Release of McKillen documents refused due to commercial sensitivities

Fianna Fáil called this week for documents to be released in full adding that just six of 19 documents requested had been provided

John Moran, secretary general of the Department of Finance, said he cannot release documents requested by property developer Paddy McKillen under the Freedom of Information because of commercial sensitivity. File photograph: Cyril Byrne/The Irish Times

John Moran, secretary general of the Department of Finance, said he cannot release documents requested by property developer Paddy McKillen under the Freedom of Information because of commercial sensitivity. File photograph: Cyril Byrne/The Irish Times

Fri, Dec 20, 2013, 21:01

The secretary general of the Department of Finance, John Moran has said he cannot release documents requested by property developer Paddy McKillen under the Freedom of Information because of commercial sensitivity.

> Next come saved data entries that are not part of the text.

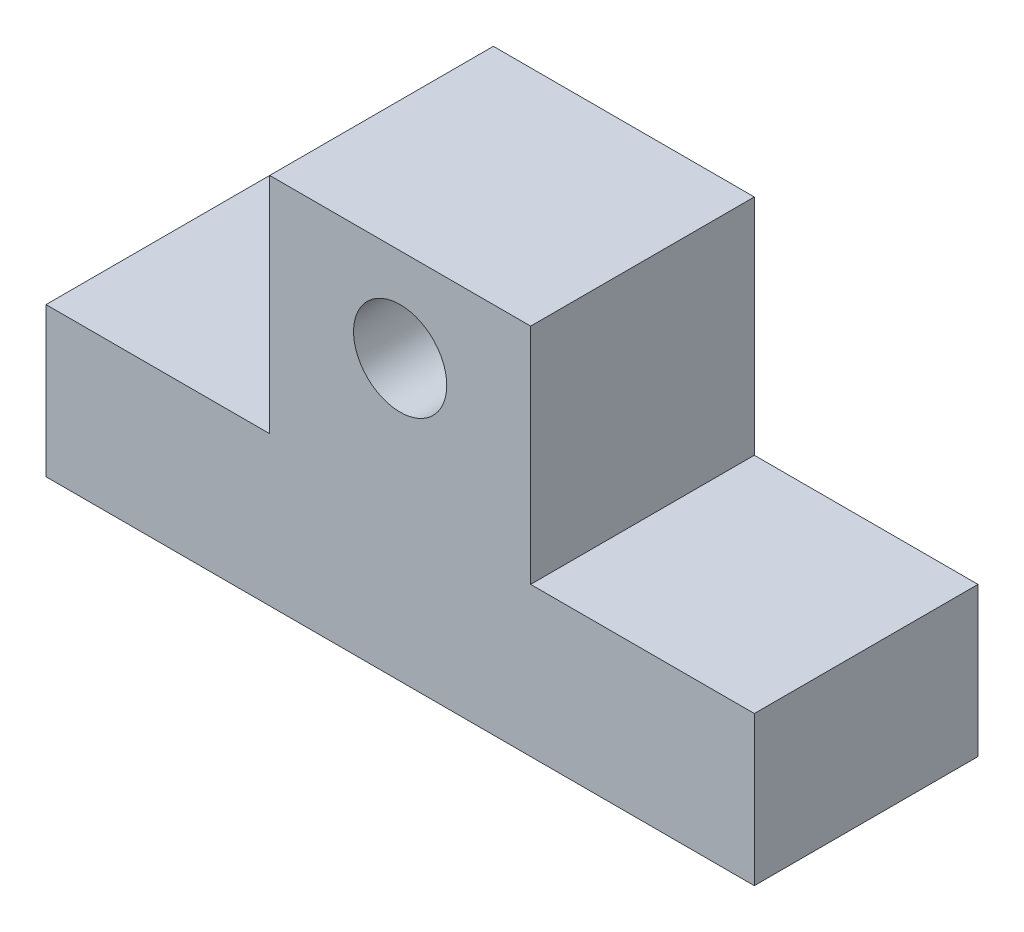
from build123d import *

# Parameters (mm, degrees)
EXTRUDE_1_DEPTH    = 6
HOLE_WIZARD_M6_1_D = 5


with BuildPart() as part:
    # 草图1 → 凸台-拉伸1 (new, symmetric)
    with BuildSketch(Plane.XY):
        Polygon((0, 0), (-7, 0), (-7, -12), (-19, -12), (-19, -20), (19, -20), (19, -12), (7, -12), (7, 0), align=None)
    extrude(amount=EXTRUDE_1_DEPTH, both=True)

    # M6 螺纹孔1 (through all)
    with Locations(Plane(origin=(0, -5, 6), x_dir=(1, 0, 0), z_dir=(0, 0, 1))):
        with Locations((0, 0)):
            Hole(HOLE_WIZARD_M6_1_D / 2)


solid = part.part

During Leader’s Questions on Wednesday the Fianna Fáil leader Micheál Martin called for documents requested from the department under an FOI request last August to be released in full adding that the department had released just six of 19 documents requested from it.

Mr Moran told the PAC that the only FOI request which the department was aware of which fitted in with this description had been made by Mr McKillen.

However, he clarified that six documents made under this request had been released under the FOI Act while a further three documents were already in the public domain via parliamentary questions meaning they did not need to be released under the Act. The remainder were refused on the on the basis of commercial sensitivity.

Mr Moran told the committee that the outstanding documents “included a number of approaches to the department...containing offers to in fact buy various assets held by IBRC”.

He said, having examined the documents the night before the committee, he could not release them because it would “in my mind expose the department to an unnecessary risk of litigation by parties who might describe our release of them as inappropriate” but said he welcomed the fact that they had now been submitted to the commissioner for adjudication “so that we can have a redetermination on whether or not they are still commercially sensitive”.

He said a “key ingredient” of whether documentation could be disclosed was commercial sensitivity but that this could change with the passage of time, adding that the information commissioner may deem that the information is no longer commercially sensitive.